O trabalho da magistratura seria aliviado em quarenta por cento se pelo menos o INSS cumprisse a Constituição brasileira. Para confirmar isso, basta compulsar de boa fé o texto constitucional. Quatro milhões de ações é um volume enorme. Como cada ação envolve várias pessoas, verificamos que não é exagero dizer que uns sessenta por cento dos 25 milhões de aposentados e pensionistas estão na Justiça contra ele. O INSS, como costumo dizer, deveria figurar no "Guiness book", livro dos recordes, editado em Londres e atualizado todos os anos. É uma vergonha para todos nós, brasileiros, que um órgão como o INSS tenha tal comportamento.
Não é novo, inclusive. É antigo. Representados pelo advogado Frank Martini Claro, João Saldanha, Evaristo de Moraes Filho, Guilherme Figueiredo, irmão do presidente João Figueiredo, e o poeta Paulo Mendes Campos morreram sem receber as diferenças a que tinham direito legítimo. As importâncias ficaram para seus herdeiros. Vão receber, mas não sabem quando.
As ações das quais foram titulares estavam ajuizadas há mais de dez anos quando faleceram. Já se passaram outros dez. Não são os únicos. No Brasil, grave defeito do sistema judicial, as sentenças não são líquidas e admitem, ao contrário dos EUA, uma série infindável de recursos. Além disso, separa-se absurdamente o direito do cálculo. As freqüentes contestações aos cálculos duplicam e até triplicam os prazos dos processos. Dentro e fora da Previdência Social.

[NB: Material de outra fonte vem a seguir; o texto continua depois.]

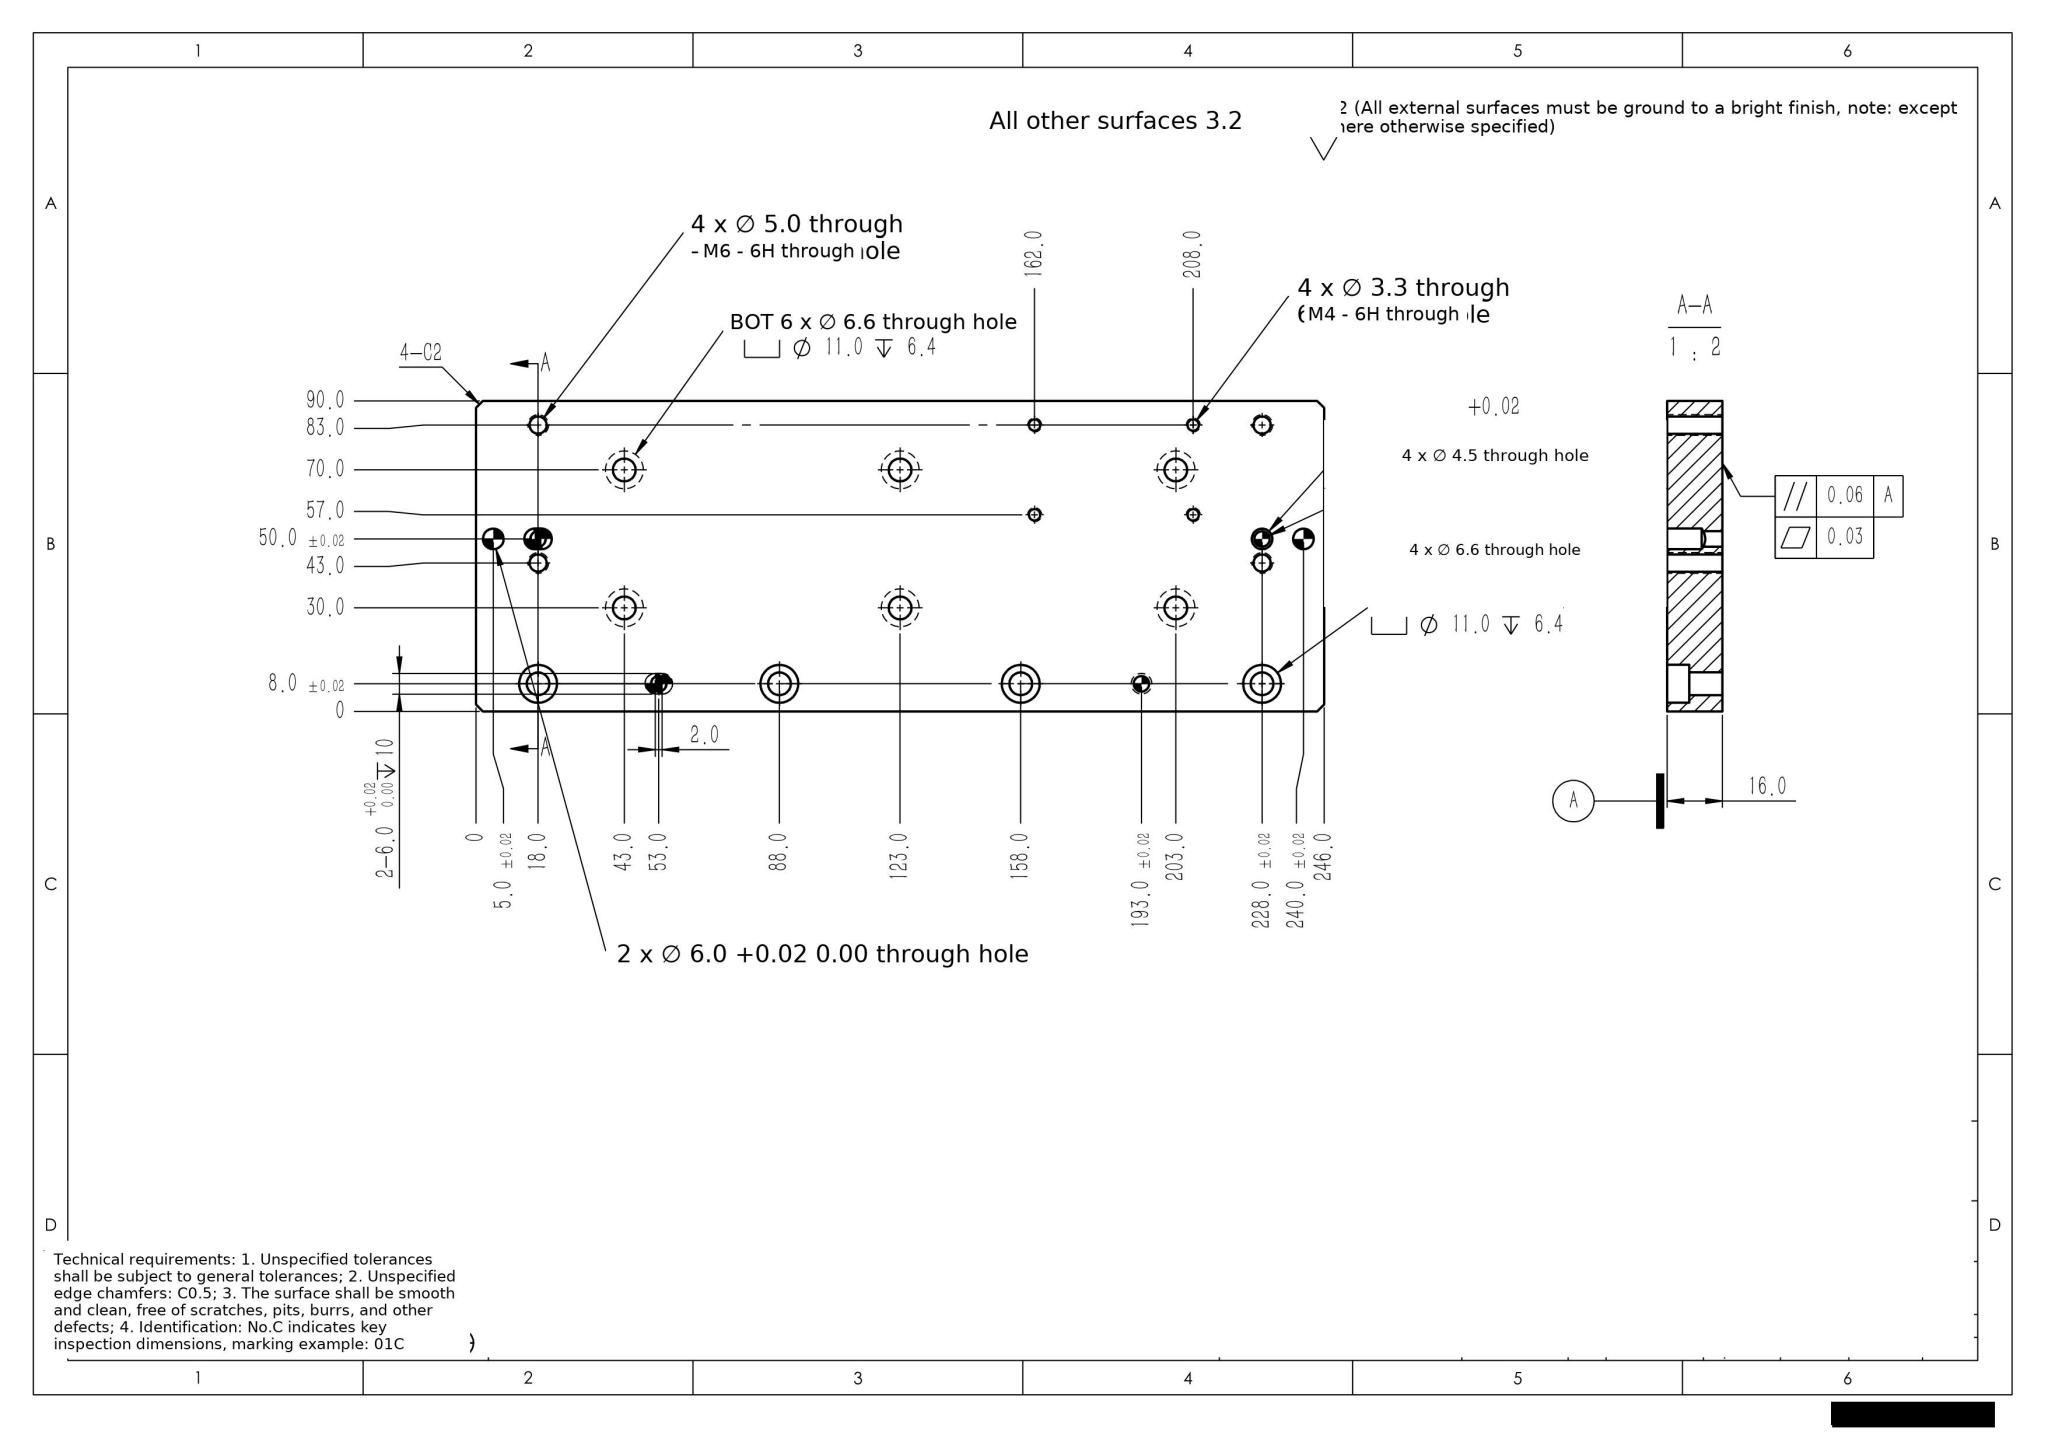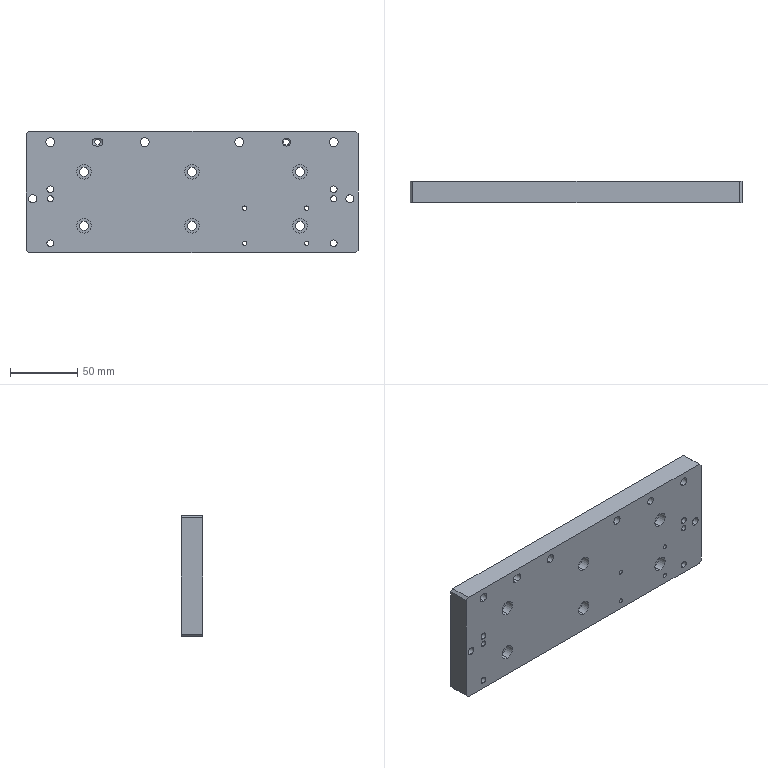Part | SolidWorks | mm | 1 solid | 112 faces | box 246 x 16 x 90 mm | volume 340352 mm3 | cylinder 76 | plane 28 | cone 8 | commonest cylinder face diameters 11 x20 6.6 x20 6 x12 3.3 x8 5 x8 4.5 x8

Vejam os leitores o caso desta TRIBUNA DA IMPRENSA. Dramaticamente atingida pela censura durante os governos militares de Médici e Geisel, explodida no governo Figueiredo, venceu em todas as instâncias e até hoje, mais de vinte anos depois, aguarda a indenização a que tem direito. O direito das pessoas evapora-se com o tempo. Não se cumpre nem a Constituição, tampouco a lei. A lei é até utilizada contra a Constituição. Incrível.